Zehntausende Anti-TTIP-Demonstranten haben am vergangenen Wochenende in Hannover ein deutliches Zeichen gesetzt. Ein relevanter Teil der bundesdeutschen Bevölkerung ist gegen das Freihandelsabkommen zwischen EU und USA. Dies zeigte kürzlich auch eine Umfrage der Bertelsmann-Stiftung: Ein Drittel der Befragten lehnt den Vertrag komplett ab. Die breite Contra-Stimmung stellt inzwischen ein ernstes Problem für die Bundesregierung und die EU-Kommission dar, die das Abkommen unbedingt durchbringen wollen.
Nicht nur in Deutschland hat die Freihandelspolitik einen schlechten Ruf. In Österreich könnte die Ablehnung von TTIP bald regierungsamtlich werden. Der möglicherweise neue Bundespräsident ist nämlich gegen das Abkommen: Norbert Hofer, Kandidat und Ideologe der rechtslastigen FPÖ. Auch der wahrscheinliche Präsidentschaftskandidat der US-Republikaner, Donald Trump, agitiert seit langem gegen den geplanten Vertrag. Wird die Kritik an TTIP bald von rechts dominiert? Auf der Straße demonstrieren die Linken, aber scheitern könnte das Abkommen letztlich an den Rechten.
Zunächst ist nicht erstaunlich, dass die Ablehnung von Freihandelsabkommen und diverse Spielarten von Fremdenfeindlichkeit offenbar gut kombinierbar sind. Man kann beides als Nationalismus begreifen. In der ökonomischen Variante möchte man seinen Wirtschaftsraum, die Arbeitsplätze, den Wohlstand schützen. In der politischen Version geht es um die Bewahrung nationaler Identität, Kultur und konservativer Werte.
Die linken TTIP-Gegner müssen deutlich machen, dass es ihnen um etwas anderes geht: um soziale und ökologische Standards für alle Menschen und alle Länder. Um den Vorrang der Politik vor Profitinteressen der großen Konzerne. Um Transparenz und Demokratie in den Verhandlungen.
Trotz der wachsenden Ablehnung machen die Institutionen bislang jedoch nicht den Eindruck, als wollten sie von den Freihandelsabkommen lassen. Für die wirtschaftsfreundliche EU-Kommission sind die Vorhaben einfach zu wichtig. Der Sound im Berliner Wirtschaftsministerium klingt so: Wir schaffen das. Man ist bereit weiterzuverhandeln, auch wenn sich das Zeitfenster wegen der US-Präsidentenwahl Ende dieses Jahres erst mal schließt. Aber es dürfte sich wieder öffnen, wenn die Demokratin Hillary Clinton US-Präsidentin wird. Ihre Skepsis gegenüber TTIP, die sie im Wahlkampf formuliert, könnte dann der üblichen Pragmatik weichen. Die US-Konzerne werden Clinton erklären, dass es vorteilhaft für das Geschäft wäre, einen leichteren Zugang zum europäischen Markt zu erhalten.

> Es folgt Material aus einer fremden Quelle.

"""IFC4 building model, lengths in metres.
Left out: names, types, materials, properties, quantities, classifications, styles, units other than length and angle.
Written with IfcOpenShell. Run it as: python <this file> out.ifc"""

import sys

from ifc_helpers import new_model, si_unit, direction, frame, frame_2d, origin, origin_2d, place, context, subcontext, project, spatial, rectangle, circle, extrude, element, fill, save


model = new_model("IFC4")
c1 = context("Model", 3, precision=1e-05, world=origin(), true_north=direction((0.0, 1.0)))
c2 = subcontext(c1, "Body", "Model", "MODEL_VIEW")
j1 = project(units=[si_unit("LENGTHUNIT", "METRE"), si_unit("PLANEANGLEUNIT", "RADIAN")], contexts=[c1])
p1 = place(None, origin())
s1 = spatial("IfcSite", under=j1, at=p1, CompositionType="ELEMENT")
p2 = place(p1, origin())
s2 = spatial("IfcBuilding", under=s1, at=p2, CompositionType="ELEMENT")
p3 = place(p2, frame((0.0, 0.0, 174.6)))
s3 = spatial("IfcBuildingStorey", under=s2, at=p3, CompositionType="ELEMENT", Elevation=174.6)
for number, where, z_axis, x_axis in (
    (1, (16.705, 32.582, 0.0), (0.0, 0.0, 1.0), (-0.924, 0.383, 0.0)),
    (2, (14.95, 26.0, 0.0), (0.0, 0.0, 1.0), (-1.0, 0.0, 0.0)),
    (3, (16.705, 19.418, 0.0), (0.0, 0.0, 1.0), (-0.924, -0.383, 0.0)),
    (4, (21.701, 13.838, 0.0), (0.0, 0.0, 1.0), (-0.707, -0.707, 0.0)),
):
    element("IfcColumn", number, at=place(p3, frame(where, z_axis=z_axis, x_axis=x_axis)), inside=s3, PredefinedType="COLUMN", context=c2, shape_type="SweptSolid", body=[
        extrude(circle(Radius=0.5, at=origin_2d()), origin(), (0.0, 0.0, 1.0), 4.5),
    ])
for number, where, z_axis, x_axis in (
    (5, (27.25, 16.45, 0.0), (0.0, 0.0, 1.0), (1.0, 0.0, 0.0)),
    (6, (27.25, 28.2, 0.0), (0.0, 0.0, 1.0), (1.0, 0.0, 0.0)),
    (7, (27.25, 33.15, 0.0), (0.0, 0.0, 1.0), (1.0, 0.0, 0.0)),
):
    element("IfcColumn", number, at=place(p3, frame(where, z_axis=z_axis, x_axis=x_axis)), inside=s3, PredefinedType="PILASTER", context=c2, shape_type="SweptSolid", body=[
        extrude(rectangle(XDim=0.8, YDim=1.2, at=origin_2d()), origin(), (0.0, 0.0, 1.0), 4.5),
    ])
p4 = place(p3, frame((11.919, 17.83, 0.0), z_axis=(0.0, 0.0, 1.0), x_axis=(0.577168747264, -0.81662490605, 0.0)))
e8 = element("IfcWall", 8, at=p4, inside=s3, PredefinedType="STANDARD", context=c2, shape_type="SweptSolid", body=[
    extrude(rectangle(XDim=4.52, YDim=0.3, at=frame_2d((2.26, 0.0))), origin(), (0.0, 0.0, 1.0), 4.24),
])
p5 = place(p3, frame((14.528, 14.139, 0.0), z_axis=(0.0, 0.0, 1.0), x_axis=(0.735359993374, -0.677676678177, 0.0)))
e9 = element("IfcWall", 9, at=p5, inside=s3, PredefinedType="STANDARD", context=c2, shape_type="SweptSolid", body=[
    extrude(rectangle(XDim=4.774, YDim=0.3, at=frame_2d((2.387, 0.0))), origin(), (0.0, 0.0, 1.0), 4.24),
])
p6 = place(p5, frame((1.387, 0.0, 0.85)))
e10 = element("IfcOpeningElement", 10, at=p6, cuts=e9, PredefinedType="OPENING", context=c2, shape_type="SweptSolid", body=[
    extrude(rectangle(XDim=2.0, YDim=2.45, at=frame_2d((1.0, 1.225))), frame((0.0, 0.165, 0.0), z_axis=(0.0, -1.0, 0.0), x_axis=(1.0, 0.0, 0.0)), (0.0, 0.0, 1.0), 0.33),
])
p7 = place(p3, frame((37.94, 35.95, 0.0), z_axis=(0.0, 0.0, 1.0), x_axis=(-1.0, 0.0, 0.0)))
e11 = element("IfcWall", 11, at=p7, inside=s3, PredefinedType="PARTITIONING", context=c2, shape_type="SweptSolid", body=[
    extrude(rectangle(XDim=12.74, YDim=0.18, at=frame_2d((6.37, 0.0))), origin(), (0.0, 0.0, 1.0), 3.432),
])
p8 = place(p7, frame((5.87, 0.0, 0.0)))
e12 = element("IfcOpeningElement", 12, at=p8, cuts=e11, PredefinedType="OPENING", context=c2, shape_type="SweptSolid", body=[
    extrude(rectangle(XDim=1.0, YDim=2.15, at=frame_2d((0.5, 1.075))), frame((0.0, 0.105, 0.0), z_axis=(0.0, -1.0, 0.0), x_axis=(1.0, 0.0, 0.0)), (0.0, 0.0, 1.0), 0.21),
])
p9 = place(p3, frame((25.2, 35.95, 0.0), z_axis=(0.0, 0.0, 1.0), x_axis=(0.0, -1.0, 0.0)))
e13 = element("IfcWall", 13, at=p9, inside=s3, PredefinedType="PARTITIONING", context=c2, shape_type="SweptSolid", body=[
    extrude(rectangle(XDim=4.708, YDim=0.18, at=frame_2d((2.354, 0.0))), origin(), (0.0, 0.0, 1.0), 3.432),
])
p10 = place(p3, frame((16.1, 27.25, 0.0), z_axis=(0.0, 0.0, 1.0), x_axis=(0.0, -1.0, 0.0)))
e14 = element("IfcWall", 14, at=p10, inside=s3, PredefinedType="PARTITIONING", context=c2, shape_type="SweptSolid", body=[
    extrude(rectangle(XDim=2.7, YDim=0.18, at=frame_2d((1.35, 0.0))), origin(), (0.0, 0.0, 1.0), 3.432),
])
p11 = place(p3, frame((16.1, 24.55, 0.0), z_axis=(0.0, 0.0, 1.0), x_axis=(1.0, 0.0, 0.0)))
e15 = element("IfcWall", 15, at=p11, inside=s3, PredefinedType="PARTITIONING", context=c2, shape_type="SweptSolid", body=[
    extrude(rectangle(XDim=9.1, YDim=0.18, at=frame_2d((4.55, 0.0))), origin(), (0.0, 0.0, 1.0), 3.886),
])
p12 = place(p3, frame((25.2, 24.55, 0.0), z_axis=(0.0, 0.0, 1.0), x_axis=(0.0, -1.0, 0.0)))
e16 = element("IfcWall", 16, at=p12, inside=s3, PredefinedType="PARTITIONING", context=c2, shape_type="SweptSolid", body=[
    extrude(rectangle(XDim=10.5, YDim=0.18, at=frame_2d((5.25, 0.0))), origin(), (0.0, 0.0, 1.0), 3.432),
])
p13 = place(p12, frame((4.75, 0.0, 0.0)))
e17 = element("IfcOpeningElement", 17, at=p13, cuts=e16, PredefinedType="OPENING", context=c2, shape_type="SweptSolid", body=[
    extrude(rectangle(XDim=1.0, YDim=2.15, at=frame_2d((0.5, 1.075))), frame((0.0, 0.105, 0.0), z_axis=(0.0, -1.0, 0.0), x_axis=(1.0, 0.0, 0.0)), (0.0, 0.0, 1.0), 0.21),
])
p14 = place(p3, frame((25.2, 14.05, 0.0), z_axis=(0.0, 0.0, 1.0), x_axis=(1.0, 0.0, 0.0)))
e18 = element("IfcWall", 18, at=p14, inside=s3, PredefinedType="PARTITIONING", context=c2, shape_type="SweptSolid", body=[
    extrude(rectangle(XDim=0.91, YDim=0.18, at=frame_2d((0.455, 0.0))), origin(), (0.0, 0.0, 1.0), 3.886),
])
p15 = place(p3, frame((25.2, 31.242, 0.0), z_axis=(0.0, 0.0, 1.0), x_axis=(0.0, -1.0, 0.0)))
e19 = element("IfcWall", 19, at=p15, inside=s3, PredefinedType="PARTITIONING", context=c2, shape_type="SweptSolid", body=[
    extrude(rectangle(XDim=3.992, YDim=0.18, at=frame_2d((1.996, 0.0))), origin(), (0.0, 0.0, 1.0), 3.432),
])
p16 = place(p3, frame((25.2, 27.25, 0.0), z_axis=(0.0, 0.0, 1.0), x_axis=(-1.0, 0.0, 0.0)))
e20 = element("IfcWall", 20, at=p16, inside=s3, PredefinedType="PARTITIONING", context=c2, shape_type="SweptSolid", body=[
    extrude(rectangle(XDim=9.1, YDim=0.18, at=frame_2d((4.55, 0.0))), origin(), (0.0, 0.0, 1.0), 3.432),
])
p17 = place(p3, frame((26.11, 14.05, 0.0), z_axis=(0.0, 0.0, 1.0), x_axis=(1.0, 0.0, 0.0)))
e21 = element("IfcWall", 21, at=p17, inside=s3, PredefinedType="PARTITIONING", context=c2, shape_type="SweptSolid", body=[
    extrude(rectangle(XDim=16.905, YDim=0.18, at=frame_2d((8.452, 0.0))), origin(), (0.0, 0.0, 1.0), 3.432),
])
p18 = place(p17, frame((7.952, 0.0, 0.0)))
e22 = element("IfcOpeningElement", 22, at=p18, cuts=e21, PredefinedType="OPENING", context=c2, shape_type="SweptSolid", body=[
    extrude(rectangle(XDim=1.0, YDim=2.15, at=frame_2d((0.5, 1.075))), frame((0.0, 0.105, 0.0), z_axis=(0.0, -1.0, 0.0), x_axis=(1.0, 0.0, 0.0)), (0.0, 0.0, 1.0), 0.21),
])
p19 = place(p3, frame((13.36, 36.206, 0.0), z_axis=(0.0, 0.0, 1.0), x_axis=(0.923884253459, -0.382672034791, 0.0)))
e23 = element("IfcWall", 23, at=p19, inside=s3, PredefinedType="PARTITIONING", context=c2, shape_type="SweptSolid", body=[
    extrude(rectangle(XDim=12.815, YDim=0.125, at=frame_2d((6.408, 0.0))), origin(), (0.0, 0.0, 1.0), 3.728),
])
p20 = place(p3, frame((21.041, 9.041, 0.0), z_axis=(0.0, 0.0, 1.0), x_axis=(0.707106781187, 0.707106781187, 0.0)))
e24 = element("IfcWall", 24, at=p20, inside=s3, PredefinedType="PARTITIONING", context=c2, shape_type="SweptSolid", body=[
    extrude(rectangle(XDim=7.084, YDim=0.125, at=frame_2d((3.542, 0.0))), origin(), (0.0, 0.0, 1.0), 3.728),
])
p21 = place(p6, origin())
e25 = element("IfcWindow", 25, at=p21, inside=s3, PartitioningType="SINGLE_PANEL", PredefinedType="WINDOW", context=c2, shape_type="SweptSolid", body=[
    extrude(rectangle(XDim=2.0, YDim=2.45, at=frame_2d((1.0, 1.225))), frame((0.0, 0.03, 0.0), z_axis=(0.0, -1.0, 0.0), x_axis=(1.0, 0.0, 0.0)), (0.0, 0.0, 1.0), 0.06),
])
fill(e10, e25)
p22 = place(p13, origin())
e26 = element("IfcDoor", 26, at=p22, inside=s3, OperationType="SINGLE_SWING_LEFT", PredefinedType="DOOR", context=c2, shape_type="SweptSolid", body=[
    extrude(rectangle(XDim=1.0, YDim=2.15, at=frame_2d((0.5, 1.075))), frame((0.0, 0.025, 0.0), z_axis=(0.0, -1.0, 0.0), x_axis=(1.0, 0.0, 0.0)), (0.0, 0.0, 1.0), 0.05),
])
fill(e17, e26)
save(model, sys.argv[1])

Die Kritik der Bevölkerung hinterlässt trotzdem Wirkung. Der Protest hat bereits Einfluss auf die Verhandlungen ausgeübt. So will die EU-Kommission die ursprünglich geplanten privaten Schiedsgerichte, vor denen Unternehmen Regierungen verklagen können, durch einen Investitionsgerichtshof ersetzen, eine abgeschwächte Art des Schiedsgerichts. Doch das nimmt dem Protest nicht den Wind aus den Segeln.
Vorstellbar ist daher diese Variante: EU und USA einigen sich schließlich auf ein TTIP light, ohne Schiedsgerichte, ohne weiteren Einfluss der Unternehmen auf die Gesetzgebung. Aus dem einst geplanten umfassenden Abkommen würde ein konventioneller Vertrag zur Handelserleichterung und zum Zollabbau. Das wäre ein guter Ausgang.